The Comics Chronicles comic and trade paperback
charts for September 2007 are here: http://www.comichron.com/monthlycomicssales/2007/2007-09.html
Five-year
historical comparisons
The comics market got boosts from some
big events in September 2003. In DC’s Batman, where Jim Lee was
concluding a blockbuster storyline; at Marvel, where Neil Gaiman’s second issue
of 1602 was out; and between the two publishers, where at long last saw
the first issue of JLA/Avengers, after nearly 20 years in the discussion
phase.
Sept. 2008 final orders versus Sept. 2003 preorders
(est.)
Top 300 units: +4% (6.77 million copies vs. 6.59
million copies)
Top 300 dollars: +15% ($21.96 million vs. $19.06
million)
Top 50 trade paperbacks: unchanged ($2.9 million vs.
$2.89 million)
Top 300 comics plus top 50 trades: +11% ($24.86
million vs. $22.49 million)
Overall Diamond orders for comics, trades,
and magazines: +25% ($35.11 million vs. $28.1 million)
Average
cost of comics in the Top 300: +9% ($3.34 million vs. $3.06)
Average
cost of comics in the Top 300, weighted by orders: +11% ($3.24 vs.
$2.93)
(Diamond only published reports for its Top 50 trades in 2003 —
so to compare apples to apples, the 2008 numbers have been pared back to the
Top 50 to show a clear comparison.)
In a normal month, you might be
safe in betting that the Avengers/JLA crossover would top the list —given the
long anticipation. Not this month, when top honors went to the last issue of
Jim Lee’s “Hush” story in Batman #619 and its orders of 235,127 copies
in this, its first month. (And it was just getting started, with reorders
driving it past 300,000 copies over the next few months.) It was a phenomenon
that sent many Diamond-chart watchers back to check their math: Since Batman is
the title the distributor measures all other comics against in its charts,
having the title’s sales drop almost in half in October’s first post-Lee issue
seemed like numeric whiplash, with “order index numbers” changing wildly.
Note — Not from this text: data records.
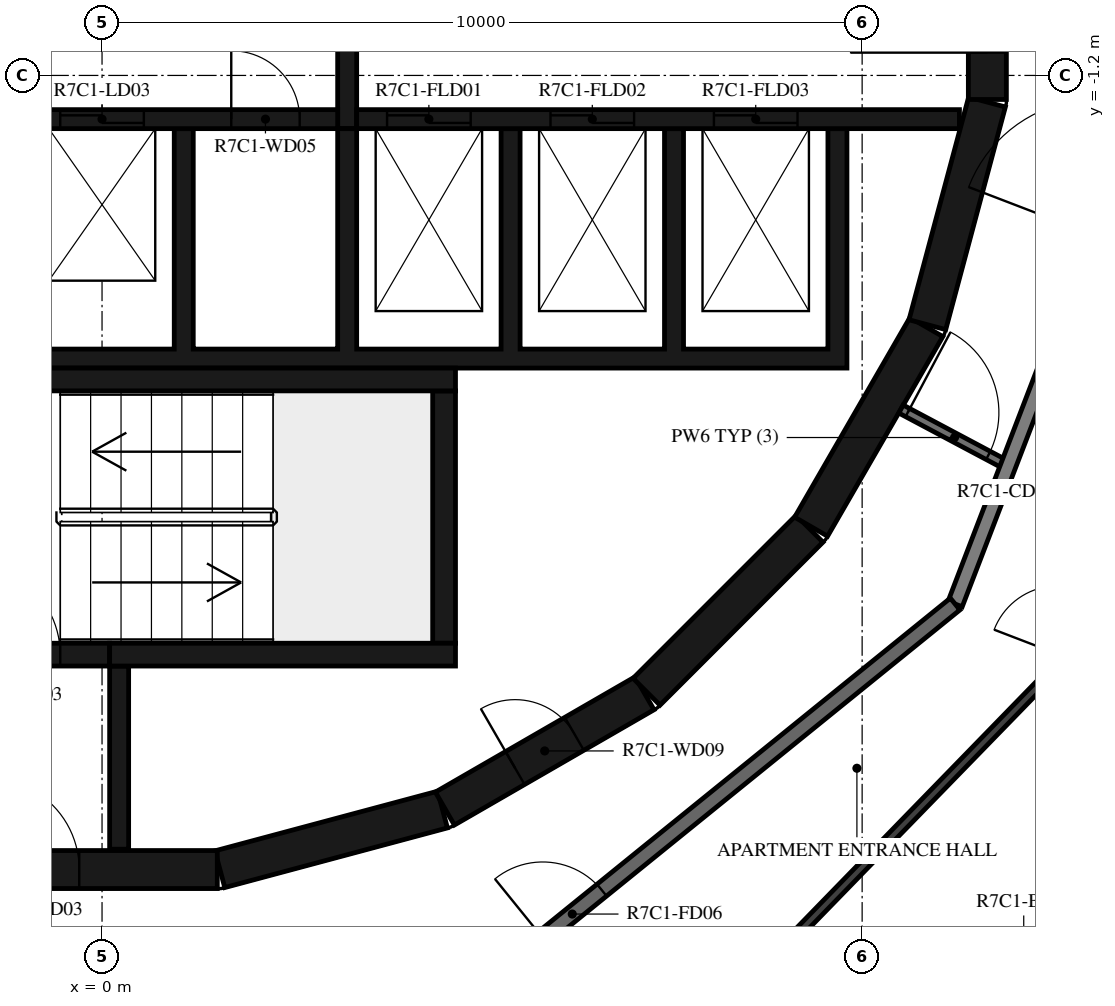
"""IFC4 building model, lengths in metres.
Left out: names, types, materials, properties, quantities, classifications, styles, units other than length and angle.
Written with IfcOpenShell. Run it as: python <this file> out.ifc"""

import sys

from ifc_helpers import new_model, si_unit, direction, frame, frame_2d, origin, place, context, subcontext, project, spatial, polyline, rectangle, outline, extrude, element, fill, save


model = new_model("IFC4")
c1 = context("Model", 3, precision=1e-05, world=origin(), true_north=direction((0.0, 1.0)))
c2 = subcontext(c1, "Body", "Model", "MODEL_VIEW")
j1 = project(units=[si_unit("LENGTHUNIT", "METRE"), si_unit("PLANEANGLEUNIT", "RADIAN")], contexts=[c1])
p1 = place(None, origin())
s1 = spatial("IfcSite", under=j1, at=p1, CompositionType="ELEMENT")
p2 = place(p1, origin())
s2 = spatial("IfcBuilding", under=s1, at=p2, CompositionType="ELEMENT")
p3 = place(p2, frame((0.0, 0.0, 287.9)))
s3 = spatial("IfcBuildingStorey", under=s2, at=p3, CompositionType="ELEMENT", Elevation=287.9)
p4 = place(p3, frame((1.55, -11.643, 0.0), z_axis=(0.0, 0.0, 1.0), x_axis=(0.965948410781, 0.258734743916, 0.0)))
e1 = element("IfcWall", 1, at=p4, inside=s3, PredefinedType="SHEAR", context=c2, shape_type="SweptSolid", body=[
    extrude(rectangle(XDim=3.033, YDim=0.5, at=frame_2d((1.516, 0.0))), origin(), (0.0, 0.0, 1.0), 3.05),
])
p5 = place(p3, frame((4.51, -10.845, 0.0), z_axis=(0.0, 0.0, 1.0), x_axis=(0.865975092491, 0.500087131594, 0.0)))
e2 = element("IfcWall", 2, at=p5, inside=s3, PredefinedType="SHEAR", context=c2, shape_type="SweptSolid", body=[
    extrude(rectangle(XDim=3.033, YDim=0.5, at=frame_2d((1.516, 0.0))), origin(), (0.0, 0.0, 1.0), 3.05),
])
p6 = place(p5, frame((1.066, 0.0, 0.0)))
e3 = element("IfcOpeningElement", 3, at=p6, cuts=e2, PredefinedType="OPENING", context=c2, shape_type="SweptSolid", body=[
    extrude(rectangle(XDim=0.9, YDim=2.1, at=frame_2d((0.45, 1.05))), frame((0.0, 0.26, 0.0), z_axis=(0.0, -1.0, 0.0), x_axis=(1.0, 0.0, 0.0)), (0.0, 0.0, 1.0), 0.52),
])
p7 = place(p3, frame((7.164, -9.308, 0.0), z_axis=(0.0, 0.0, 1.0), x_axis=(0.707106781187, 0.707106781187, 0.0)))
e4 = element("IfcWall", 4, at=p7, inside=s3, PredefinedType="SHEAR", context=c2, shape_type="SweptSolid", body=[
    extrude(rectangle(XDim=3.032, YDim=0.5, at=frame_2d((1.516, 0.0))), origin(), (0.0, 0.0, 1.0), 3.05),
])
for number, where, z_axis, x_axis in (
    (5, (9.329, -7.137, 0.0), (0.0, 0.0, 1.0), (0.5, 0.866, 0.0)),
    (6, (10.858, -4.479, 0.0), (0.0, 0.0, 1.0), (0.259, 0.966, 0.0)),
):
    element("IfcWall", number, at=place(p3, frame(where, z_axis=z_axis, x_axis=x_axis)), inside=s3, PredefinedType="SHEAR", context=c2, shape_type="SweptSolid", body=[
        extrude(rectangle(XDim=3.033, YDim=0.5, at=frame_2d((1.516, 0.0))), origin(), (0.0, 0.0, 1.0), 3.05),
    ])
p8 = place(p3, frame((11.647, -1.516, 0.0), z_axis=(0.0, 0.0, 1.0), x_axis=(0.0, 1.0, 0.0)))
e7 = element("IfcWall", 7, at=p8, inside=s3, PredefinedType="SHEAR", context=c2, shape_type="SweptSolid", body=[
    extrude(rectangle(XDim=3.033, YDim=0.5, at=frame_2d((1.516, 0.0))), origin(), (0.0, 0.0, 1.0), 3.05),
])
p9 = place(p8, frame((0.616, 0.0, 0.0)))
e8 = element("IfcOpeningElement", 8, at=p9, cuts=e7, PredefinedType="OPENING", context=c2, shape_type="SweptSolid", body=[
    extrude(rectangle(XDim=1.8, YDim=2.1, at=frame_2d((0.9, 1.05))), frame((0.0, 0.26, 0.0), z_axis=(0.0, -1.0, 0.0), x_axis=(1.0, 0.0, 0.0)), (0.0, 0.0, 1.0), 0.52),
])
p10 = place(p3, frame((-1.516, -11.647, 0.0), z_axis=(0.0, 0.0, 1.0), x_axis=(1.0, 0.0, 0.0)))
e9 = element("IfcWall", 9, at=p10, inside=s3, PredefinedType="SHEAR", context=c2, shape_type="SweptSolid", body=[
    extrude(rectangle(XDim=3.033, YDim=0.5, at=frame_2d((1.516, 0.0))), origin(), (0.0, 0.0, 1.0), 3.05),
])
p11 = place(p10, frame((0.016, 0.0, 0.0)))
e10 = element("IfcOpeningElement", 10, at=p11, cuts=e9, PredefinedType="OPENING", context=c2, shape_type="SweptSolid", body=[
    extrude(rectangle(XDim=1.2, YDim=2.1, at=frame_2d((0.6, 1.05))), frame((0.0, 0.26, 0.0), z_axis=(0.0, -1.0, 0.0), x_axis=(1.0, 0.0, 0.0)), (0.0, 0.0, 1.0), 0.52),
])
p12 = place(p3, frame((-2.4, -5.2, 0.0), z_axis=(0.0, 0.0, 1.0), x_axis=(1.0, 0.0, 0.0)))
e11 = element("IfcWall", 11, at=p12, inside=s3, PredefinedType="SHEAR", context=c2, shape_type="SweptSolid", body=[
    extrude(rectangle(XDim=7.05, YDim=0.3, at=frame_2d((3.525, 0.0))), origin(), (0.0, 0.0, 1.0), 3.05),
])
p13 = place(p3, frame((4.5, -8.67, 0.0), z_axis=(0.0, 0.0, 1.0), x_axis=(0.0, 1.0, 0.0)))
e12 = element("IfcWall", 12, at=p13, inside=s3, PredefinedType="SHEAR", context=c2, shape_type="SweptSolid", body=[
    extrude(rectangle(XDim=3.32, YDim=0.3, at=frame_2d((1.66, 0.0))), origin(), (0.0, 0.0, 1.0), 3.05),
])
p14 = place(p3, frame((0.1, -8.82, 0.0), z_axis=(0.0, 0.0, 1.0), x_axis=(1.0, 0.0, 0.0)))
e13 = element("IfcWall", 13, at=p14, inside=s3, PredefinedType="SHEAR", context=c2, shape_type="SweptSolid", body=[
    extrude(rectangle(XDim=4.55, YDim=0.3, at=frame_2d((2.275, 0.0))), origin(), (0.0, 0.0, 1.0), 3.05),
])
p15 = place(p3, frame((-2.4, -8.82, 0.0), z_axis=(0.0, 0.0, 1.0), x_axis=(1.0, 0.0, 0.0)))
e14 = element("IfcWall", 14, at=p15, inside=s3, PredefinedType="SHEAR", context=c2, shape_type="SweptSolid", body=[
    extrude(rectangle(XDim=2.5, YDim=0.3, at=frame_2d((1.25, 0.0))), origin(), (0.0, 0.0, 1.0), 3.05),
])
p16 = place(p15, frame((0.65, 0.0, 0.0)))
e15 = element("IfcOpeningElement", 15, at=p16, cuts=e14, PredefinedType="OPENING", context=c2, shape_type="SweptSolid", body=[
    extrude(rectangle(XDim=1.2, YDim=2.1, at=frame_2d((0.6, 1.05))), frame((0.0, 0.16, 0.0), z_axis=(0.0, -1.0, 0.0), x_axis=(1.0, 0.0, 0.0)), (0.0, 0.0, 1.0), 0.32),
])
p17 = place(p3, frame((0.225, -8.97, 0.0), z_axis=(0.0, 0.0, 1.0), x_axis=(0.0, -1.0, 0.0)))
e16 = element("IfcWall", 16, at=p17, inside=s3, PredefinedType="SHEAR", context=c2, shape_type="SweptSolid", body=[
    extrude(rectangle(XDim=2.41, YDim=0.25, at=frame_2d((1.205, 0.0))), origin(), (0.0, 0.0, 1.0), 3.05),
])
p18 = place(p3, origin())
e17 = element("IfcWall", 17, at=p18, inside=s3, PredefinedType="SHEAR", context=c2, shape_type="SweptSolid", body=[
    extrude(outline(polyline([(9.8, -5.05), (9.8, -4.8), (9.8, -1.9), (9.55, -1.9), (9.55, -4.8), (7.65, -4.8), (7.65, -1.9), (7.4, -1.9), (7.4, -4.8), (5.5, -4.8), (5.5, -1.9), (5.25, -1.9), (5.25, -4.8), (3.35, -4.8), (3.35, -1.9), (3.1, -1.9), (3.1, -4.8), (1.2, -4.8), (1.2, -1.9), (0.95, -1.9), (0.95, -4.8), (-0.95, -4.8), (-0.95, -1.9), (-1.2, -1.9), (-1.2, -4.8), (-3.1, -4.8), (-3.1, -1.9), (-3.35, -1.9), (-3.35, -4.8), (-5.25, -4.8), (-5.25, -1.9), (-5.5, -1.9), (-5.5, -4.8), (-9.55, -4.8), (-9.55, -1.9), (-9.8, -1.9), (-9.8, -4.8), (-9.8, -5.05), (9.8, -5.05)])), origin(), (0.0, 0.0, 1.0), 3.05),
])
p19 = place(p3, frame((-11.28, -1.775, 0.0), z_axis=(0.0, 0.0, 1.0), x_axis=(1.0, 0.0, 0.0)))
e18 = element("IfcWall", 18, at=p19, inside=s3, PredefinedType="SHEAR", context=c2, shape_type="SweptSolid", body=[
    extrude(rectangle(XDim=14.38, YDim=0.25, at=frame_2d((7.19, 0.0))), origin(), (0.0, 0.0, 1.0), 3.05),
])
p20 = place(p19, frame((6.43, 0.0, 0.0)))
e19 = element("IfcOpeningElement", 19, at=p20, cuts=e18, PredefinedType="OPENING", context=c2, shape_type="SweptSolid", body=[
    extrude(rectangle(XDim=1.1, YDim=2.1, at=frame_2d((0.55, 1.05))), frame((0.0, 0.135, 0.0), z_axis=(0.0, -1.0, 0.0), x_axis=(1.0, 0.0, 0.0)), (0.0, 0.0, 1.0), 0.27),
])
p21 = place(p19, frame((8.58, 0.0, 0.0)))
e20 = element("IfcOpeningElement", 20, at=p21, cuts=e18, PredefinedType="OPENING", context=c2, shape_type="SweptSolid", body=[
    extrude(rectangle(XDim=1.1, YDim=2.1, at=frame_2d((0.55, 1.05))), frame((0.0, 0.135, 0.0), z_axis=(0.0, -1.0, 0.0), x_axis=(1.0, 0.0, 0.0)), (0.0, 0.0, 1.0), 0.27),
])
p22 = place(p19, frame((10.73, 0.0, 0.0)))
e21 = element("IfcOpeningElement", 21, at=p22, cuts=e18, PredefinedType="OPENING", context=c2, shape_type="SweptSolid", body=[
    extrude(rectangle(XDim=1.1, YDim=2.1, at=frame_2d((0.55, 1.05))), frame((0.0, 0.135, 0.0), z_axis=(0.0, -1.0, 0.0), x_axis=(1.0, 0.0, 0.0)), (0.0, 0.0, 1.0), 0.27),
])
p23 = place(p19, frame((3.305, 0.0, 0.0)))
e22 = element("IfcOpeningElement", 22, at=p23, cuts=e18, PredefinedType="OPENING", context=c2, shape_type="SweptSolid", body=[
    extrude(rectangle(XDim=0.9, YDim=2.1, at=frame_2d((0.45, 1.05))), frame((0.0, 0.135, 0.0), z_axis=(0.0, -1.0, 0.0), x_axis=(1.0, 0.0, 0.0)), (0.0, 0.0, 1.0), 0.27),
])
p24 = place(p19, frame((12.98, 0.0, 0.0)))
e23 = element("IfcOpeningElement", 23, at=p24, cuts=e18, PredefinedType="OPENING", context=c2, shape_type="SweptSolid", body=[
    extrude(rectangle(XDim=0.9, YDim=2.1, at=frame_2d((0.45, 1.05))), frame((0.0, 0.135, 0.0), z_axis=(0.0, -1.0, 0.0), x_axis=(1.0, 0.0, 0.0)), (0.0, 0.0, 1.0), 0.27),
])
p25 = place(p3, frame((3.35, -1.775, 0.0), z_axis=(0.0, 0.0, 1.0), x_axis=(1.0, 0.0, 0.0)))
e24 = element("IfcWall", 24, at=p25, inside=s3, PredefinedType="SHEAR", context=c2, shape_type="SweptSolid", body=[
    extrude(rectangle(XDim=7.93, YDim=0.25, at=frame_2d((3.965, 0.0))), origin(), (0.0, 0.0, 1.0), 3.05),
])
p26 = place(p25, frame((0.4, 0.0, 0.0)))
e25 = element("IfcOpeningElement", 25, at=p26, cuts=e24, PredefinedType="OPENING", context=c2, shape_type="SweptSolid", body=[
    extrude(rectangle(XDim=1.1, YDim=2.4, at=frame_2d((0.55, 1.2))), frame((0.0, 0.135, 0.0), z_axis=(0.0, -1.0, 0.0), x_axis=(1.0, 0.0, 0.0)), (0.0, 0.0, 1.0), 0.27),
])
p27 = place(p25, frame((2.55, 0.0, 0.0)))
e26 = element("IfcOpeningElement", 26, at=p27, cuts=e24, PredefinedType="OPENING", context=c2, shape_type="SweptSolid", body=[
    extrude(rectangle(XDim=1.1, YDim=2.4, at=frame_2d((0.55, 1.2))), frame((0.0, 0.135, 0.0), z_axis=(0.0, -1.0, 0.0), x_axis=(1.0, 0.0, 0.0)), (0.0, 0.0, 1.0), 0.27),
])
p28 = place(p25, frame((4.7, 0.0, 0.0)))
e27 = element("IfcOpeningElement", 27, at=p28, cuts=e24, PredefinedType="OPENING", context=c2, shape_type="SweptSolid", body=[
    extrude(rectangle(XDim=1.1, YDim=2.4, at=frame_2d((0.55, 1.2))), frame((0.0, 0.135, 0.0), z_axis=(0.0, -1.0, 0.0), x_axis=(1.0, 0.0, 0.0)), (0.0, 0.0, 1.0), 0.27),
])
p29 = place(p3, frame((3.225, -1.9, 0.0), z_axis=(0.0, 0.0, 1.0), x_axis=(0.0, 1.0, 0.0)))
e28 = element("IfcWall", 28, at=p29, inside=s3, PredefinedType="SHEAR", context=c2, shape_type="SweptSolid", body=[
    extrude(rectangle(XDim=3.8, YDim=0.25, at=frame_2d((1.9, 0.0))), origin(), (0.0, 0.0, 1.0), 3.05),
])
p30 = place(p3, frame((10.511, -5.589, 0.0), z_axis=(0.0, 0.0, 1.0), x_axis=(0.882983002821, -0.469404960273, 0.0)))
e29 = element("IfcWall", 29, at=p30, inside=s3, PredefinedType="PARTITIONING", context=c2, shape_type="SweptSolid", body=[
    extrude(rectangle(XDim=1.596, YDim=0.12, at=frame_2d((0.798, 0.0))), origin(), (0.0, 0.0, 1.0), 3.05),
])
p31 = place(p30, frame((0.1, 0.0, 0.0)))
e30 = element("IfcOpeningElement", 30, at=p31, cuts=e29, PredefinedType="OPENING", context=c2, shape_type="SweptSolid", body=[
    extrude(rectangle(XDim=1.2, YDim=2.1, at=frame_2d((0.6, 1.05))), frame((0.0, 0.07, 0.0), z_axis=(0.0, -1.0, 0.0), x_axis=(1.0, 0.0, 0.0)), (0.0, 0.0, 1.0), 0.14),
])
p32 = place(p3, frame((11.223, -8.154, 0.0), z_axis=(0.0, 0.0, 1.0), x_axis=(0.358341090983, 0.93359073609, 0.0)))
e31 = element("IfcWall", 31, at=p32, inside=s3, PredefinedType="STANDARD", context=c2, shape_type="SweptSolid", body=[
    extrude(rectangle(XDim=7.181, YDim=0.2, at=frame_2d((3.59, 0.0))), origin(), (0.0, 0.0, 1.0), 3.05),
])
p33 = place(p32, frame((5.185, 0.0, 0.0)))
e32 = element("IfcOpeningElement", 32, at=p33, cuts=e31, PredefinedType="OPENING", context=c2, shape_type="SweptSolid", body=[
    extrude(rectangle(XDim=1.8, YDim=2.1, at=frame_2d((0.9, 1.05))), frame((0.0, 0.11, 0.0), z_axis=(0.0, -1.0, 0.0), x_axis=(1.0, 0.0, 0.0)), (0.0, 0.0, 1.0), 0.22),
])
p34 = place(p3, frame((5.643, -12.673, 0.0), z_axis=(0.0, 0.0, 1.0), x_axis=(0.777160148113, 0.629302871585, 0.0)))
e33 = element("IfcWall", 33, at=p34, inside=s3, PredefinedType="STANDARD", context=c2, shape_type="SweptSolid", body=[
    extrude(rectangle(XDim=7.181, YDim=0.2, at=frame_2d((3.59, 0.0))), origin(), (0.0, 0.0, 1.0), 3.05),
])
p35 = place(p34, frame((0.2, 0.0, 0.0)))
e34 = element("IfcOpeningElement", 34, at=p35, cuts=e33, PredefinedType="OPENING", context=c2, shape_type="SweptSolid", body=[
    extrude(rectangle(XDim=1.0, YDim=2.1, at=frame_2d((0.5, 1.05))), frame((0.0, 0.11, 0.0), z_axis=(0.0, -1.0, 0.0), x_axis=(1.0, 0.0, 0.0)), (0.0, 0.0, 1.0), 0.22),
])
p36 = place(p3, frame((7.007, -14.692, 0.0), z_axis=(0.0, 0.0, 1.0), x_axis=(0.697286714348, 0.716792325568, 0.0)))
e35 = element("IfcWall", 35, at=p36, inside=s3, PredefinedType="PARTITIONING", context=c2, shape_type="SweptSolid", body=[
    extrude(rectangle(XDim=7.848, YDim=0.12, at=frame_2d((3.924, 0.0))), origin(), (0.0, 0.0, 1.0), 3.05),
])
p37 = place(p36, frame((0.2, 0.0, 0.0)))
e36 = element("IfcOpeningElement", 36, at=p37, cuts=e35, PredefinedType="OPENING", context=c2, shape_type="SweptSolid", body=[
    extrude(rectangle(XDim=0.9, YDim=2.1, at=frame_2d((0.45, 1.05))), frame((0.0, 0.07, 0.0), z_axis=(0.0, -1.0, 0.0), x_axis=(1.0, 0.0, 0.0)), (0.0, 0.0, 1.0), 0.14),
])
p38 = place(p16, origin())
e37 = element("IfcDoor", 37, at=p38, inside=s3, OperationType="SINGLE_SWING_LEFT", PredefinedType="DOOR", context=c2, shape_type="SweptSolid", body=[
    extrude(rectangle(XDim=1.2, YDim=2.1, at=frame_2d((0.6, 1.05))), frame((0.0, 0.025, 0.0), z_axis=(0.0, -1.0, 0.0), x_axis=(1.0, 0.0, 0.0)), (0.0, 0.0, 1.0), 0.05),
])
fill(e15, e37)
p39 = place(p11, origin())
e38 = element("IfcDoor", 38, at=p39, inside=s3, OperationType="SINGLE_SWING_RIGHT", PredefinedType="DOOR", context=c2, shape_type="SweptSolid", body=[
    extrude(rectangle(XDim=1.2, YDim=2.1, at=frame_2d((0.6, 1.05))), frame((0.0, 0.025, 0.0), z_axis=(0.0, -1.0, 0.0), x_axis=(1.0, 0.0, 0.0)), (0.0, 0.0, 1.0), 0.05),
])
fill(e10, e38)
p40 = place(p9, origin())
e39 = element("IfcDoor", 39, at=p40, inside=s3, OperationType="DOUBLE_DOOR_SINGLE_SWING", PredefinedType="DOOR", context=c2, shape_type="SweptSolid", body=[
    extrude(rectangle(XDim=1.8, YDim=2.1, at=frame_2d((0.9, 1.05))), frame((0.0, 0.025, 0.0), z_axis=(0.0, -1.0, 0.0), x_axis=(1.0, 0.0, 0.0)), (0.0, 0.0, 1.0), 0.05),
])
fill(e8, e39)
p41 = place(p22, origin())
e40 = element("IfcDoor", 40, at=p41, inside=s3, OperationType="DOUBLE_DOOR_SLIDING", PredefinedType="DOOR", context=c2, shape_type="SweptSolid", body=[
    extrude(rectangle(XDim=1.1, YDim=2.1, at=frame_2d((0.55, 1.05))), frame((0.0, 0.025, 0.0), z_axis=(0.0, -1.0, 0.0), x_axis=(1.0, 0.0, 0.0)), (0.0, 0.0, 1.0), 0.05),
])
fill(e21, e40)
p42 = place(p26, origin())
e41 = element("IfcDoor", 41, at=p42, inside=s3, OperationType="DOUBLE_DOOR_SLIDING", PredefinedType="DOOR", context=c2, shape_type="SweptSolid", body=[
    extrude(rectangle(XDim=1.1, YDim=2.4, at=frame_2d((0.55, 1.2))), frame((0.0, 0.025, 0.0), z_axis=(0.0, -1.0, 0.0), x_axis=(1.0, 0.0, 0.0)), (0.0, 0.0, 1.0), 0.05),
])
fill(e25, e41)
p43 = place(p27, origin())
e42 = element("IfcDoor", 42, at=p43, inside=s3, OperationType="DOUBLE_DOOR_SLIDING", PredefinedType="DOOR", context=c2, shape_type="SweptSolid", body=[
    extrude(rectangle(XDim=1.1, YDim=2.4, at=frame_2d((0.55, 1.2))), frame((0.0, 0.025, 0.0), z_axis=(0.0, -1.0, 0.0), x_axis=(1.0, 0.0, 0.0)), (0.0, 0.0, 1.0), 0.05),
])
fill(e26, e42)
p44 = place(p28, origin())
e43 = element("IfcDoor", 43, at=p44, inside=s3, OperationType="DOUBLE_DOOR_SLIDING", PredefinedType="DOOR", context=c2, shape_type="SweptSolid", body=[
    extrude(rectangle(XDim=1.1, YDim=2.4, at=frame_2d((0.55, 1.2))), frame((0.0, 0.025, 0.0), z_axis=(0.0, -1.0, 0.0), x_axis=(1.0, 0.0, 0.0)), (0.0, 0.0, 1.0), 0.05),
])
fill(e27, e43)
p45 = place(p24, origin())
e44 = element("IfcDoor", 44, at=p45, inside=s3, OperationType="SINGLE_SWING_LEFT", PredefinedType="DOOR", context=c2, shape_type="SweptSolid", body=[
    extrude(rectangle(XDim=0.9, YDim=2.1, at=frame_2d((0.45, 1.05))), frame((0.0, 0.025, 0.0), z_axis=(0.0, -1.0, 0.0), x_axis=(1.0, 0.0, 0.0)), (0.0, 0.0, 1.0), 0.05),
])
fill(e23, e44)
p46 = place(p6, origin())
e45 = element("IfcDoor", 45, at=p46, inside=s3, OperationType="SINGLE_SWING_LEFT", PredefinedType="DOOR", context=c2, shape_type="SweptSolid", body=[
    extrude(rectangle(XDim=0.9, YDim=2.1, at=frame_2d((0.45, 1.05))), frame((0.0, 0.025, 0.0), z_axis=(0.0, -1.0, 0.0), x_axis=(1.0, 0.0, 0.0)), (0.0, 0.0, 1.0), 0.05),
])
fill(e3, e45)
p47 = place(p35, origin())
e46 = element("IfcDoor", 46, at=p47, inside=s3, OperationType="SINGLE_SWING_LEFT", PredefinedType="DOOR", context=c2, shape_type="SweptSolid", body=[
    extrude(rectangle(XDim=1.0, YDim=2.1, at=frame_2d((0.5, 1.05))), frame((0.0, 0.025, 0.0), z_axis=(0.0, -1.0, 0.0), x_axis=(1.0, 0.0, 0.0)), (0.0, 0.0, 1.0), 0.05),
])
fill(e34, e46)
p48 = place(p31, origin())
e47 = element("IfcDoor", 47, at=p48, inside=s3, OperationType="DOUBLE_DOOR_SINGLE_SWING", PredefinedType="DOOR", context=c2, shape_type="SweptSolid", body=[
    extrude(rectangle(XDim=1.2, YDim=2.1, at=frame_2d((0.6, 1.05))), frame((0.0, 0.025, 0.0), z_axis=(0.0, -1.0, 0.0), x_axis=(1.0, 0.0, 0.0)), (0.0, 0.0, 1.0), 0.05),
])
fill(e30, e47)
save(model, sys.argv[1])

But those
post-Lee sales were, themselves, double what the first pre-Lee issue had posted
— so the attention clearly benefited the title afterward as well.
Nine
items were above the 100,000-copy mark, with 112 items over 20,000 copies and
216 items over 5,000 copies
On the graphic novel side, the Sandman
Endless Nights hardcover posted monumental results: nearly 26,400 copies
ordered in its first month. At $24.95, the two-thirds of a million dollars the
title brought in provided a great boost to the trade market overall — enough
that sales for the Top 50 in that September almost exactly equaled what they
did for September of this year.
Marvel topped DC in unit and dollar
market share that month, although the unit mark for Marvel — 40.7% — was much
less than it was this September. Marvel led DC 35.28% to 32.27% in dollar
share.
The Comics Chronicles comic and trade paperback charts for
September 2003 are here: http://www.comichron.com/monthlycomicssales/2003/2003-09.html
Ten-year
historical comparisons
Probably the most immediately noticeable
thing about the comics sales charts for September 1998 (http://www.comichron.com/monthlycomicssales/1998/1998-09.html
)
is that the issue numbers barely fit in the table! That’s because September was
the month for DC’s “One Million” event, in which the publisher advanced all its
mainstream titles for one month to #1000000, simultaneously showing readers a
possible future and giving ferrets to comics tracking programs.
Sept.
2008 final orders versus Sept. 1998 preorders (est.)
Top 300
units: -9% (6.77 million copies vs. 7.44 million copies)
Top 300
dollars: +21% ($21.96 million vs. $ 18.18 million)
Top 25 trade
paperbacks: +49% ($1.7 million vs. $1.14 million)
Top 300 comics
plus top 25 trades: +22% ($23.66 million vs. $19.32 million)
Average
cost of comics in the Top 300: % ($3.34 vs. $)
Average cost of
comics in the Top 300, weighted by orders: % ($3.24 vs. $)
Despite
the promotion, Uncanny X-Men #361 topped the charts, with preorders of
approximately 138,100 copies. Only the JLA “One Million” issue topped
the 100,000-preordered-copy mark, and as the issue sold better than the issues
before it and after it, the event can be said to have helped the title.
Nine
items were above the 100,000-copy preorder mark, with 131 items over 20,000
copies and 209 items over 5,000 copies. Titles in the midlist tended to sell
more strongly, but the chart doesn’t have nearly the depth we see today.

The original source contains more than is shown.